Performance evaluation of two supplemental confirmatory assays of hepatitis C virus antibody

Background: The overall relative change in Hepatitis C virus (HCV) reporting incidences was 1.16 in China recently, which exhibited increasing trend in most provinces. Screening tests for HCV antibodies are prone to generate higher false positivity in low-risk populations. The aim of this study was to compare the performance of two HCV supplemental confirmatory assays CWT (Wantai Biological Pharmaceutical Co., Ltd, Beijing, China) and RIBA HCV 3.0 SIA (RIBA 3.0).
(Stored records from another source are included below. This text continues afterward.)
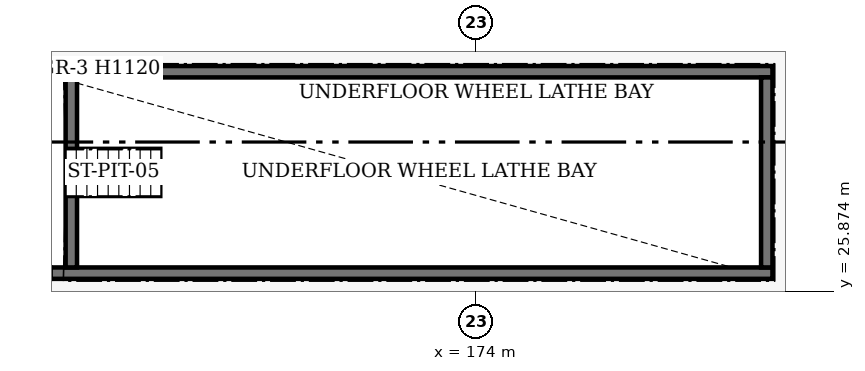
"""IFC4 building model, lengths in metres.
Left out: names, types, materials, properties, quantities, classifications, styles, units other than length and angle.
Written with IfcOpenShell. Run it as: python <this file> out.ifc"""

import sys

from ifc_helpers import new_model, si_unit, direction, frame, frame_2d, origin, place, context, subcontext, project, spatial, rectangle, extrude, element, save


model = new_model("IFC4")
c1 = context("Model", 3, precision=1e-05, world=origin(), true_north=direction((0.0, 1.0)))
c2 = subcontext(c1, "Body", "Model", "MODEL_VIEW")
j1 = project(units=[si_unit("LENGTHUNIT", "METRE"), si_unit("PLANEANGLEUNIT", "RADIAN")], contexts=[c1])
p1 = place(None, origin())
s1 = spatial("IfcSite", under=j1, at=p1, CompositionType="ELEMENT")
p2 = place(p1, origin())
s2 = spatial("IfcBuilding", under=s1, at=p2, CompositionType="ELEMENT")
p3 = place(p2, origin())
s3 = spatial("IfcBuildingStorey", under=s2, at=p3, CompositionType="ELEMENT", Elevation=0.0)
for number, where, z_axis, x_axis in (
    (1, (162.8, 26.35, -1.675), (0.0, 0.0, 1.0), (1.0, 0.0, 0.0)),
    (2, (162.8, 31.65, -1.675), (0.0, 0.0, 1.0), (1.0, 0.0, 0.0)),
):
    element("IfcWall", number, at=place(p3, frame(where, z_axis=z_axis, x_axis=x_axis)), inside=s3, PredefinedType="USERDEFINED", context=c2, shape_type="SweptSolid", body=[
        extrude(rectangle(XDim=19.0, YDim=0.3, at=frame_2d((9.5, 0.0))), origin(), (0.0, 0.0, 1.0), 1.675),
    ])
p4 = place(p3, frame((163.35, 26.5, -1.675), z_axis=(0.0, 0.0, 1.0), x_axis=(0.0, 1.0, 0.0)))
e3 = element("IfcWall", 3, at=p4, inside=s3, PredefinedType="USERDEFINED", context=c2, shape_type="SweptSolid", body=[
    extrude(rectangle(XDim=5.0, YDim=0.3, at=frame_2d((2.5, 0.0))), origin(), (0.0, 0.0, 1.0), 1.455),
])
p5 = place(p3, frame((181.65, 26.5, -1.675), z_axis=(0.0, 0.0, 1.0), x_axis=(0.0, 1.0, 0.0)))
e4 = element("IfcWall", 4, at=p5, inside=s3, PredefinedType="USERDEFINED", context=c2, shape_type="SweptSolid", body=[
    extrude(rectangle(XDim=5.0, YDim=0.3, at=frame_2d((2.5, 0.0))), origin(), (0.0, 0.0, 1.0), 1.675),
])
save(model, sys.argv[1])

Methods: We selected 530 reactive specimens identified by two rounds of anti-HCV enzyme-linked immunosorbent assays (EIA) to carry out CWT and RIBA 3.0 supplemental tests simultaneously. Then the parallel testing results were evaluated as positive, indeterminate and negative, and made comparative analysis. Results: There were 182 and 160 confirmed positive samples for CWT and RIBA 3.0 respectively, of which 128 (24.2%) cases were common positive. the positive rate of CWT (34.3%) was significantly higher than RIBA 3.0 (30.2%) (P<0.01). And the common negative and indeterminate specimens were 156 (29.4%) and 53 (10%). The remaining 193 (36.4%) specimens had inconsistent results. The 182 CWT positive specimens included 35 indeterminate specimens (22%, 35/164) and 18 negative specimens (8.7%, 18/206) of RIBA 3.0. The diagnostic results of RIBA 3.0 and CWT supplementary assays were generally consistent (kappa =0.445, P<0.01). Conclusions: This study suggested that RIBA 3.0 and CWT each had its own genetic sequences of target peptides on HCV confirmatory tests and the latter might be more applicable for China’s current HCV epidemic strains. The number of positive cases confirmed by CWT is higher than that of RIBA 3.0, which corroborates this.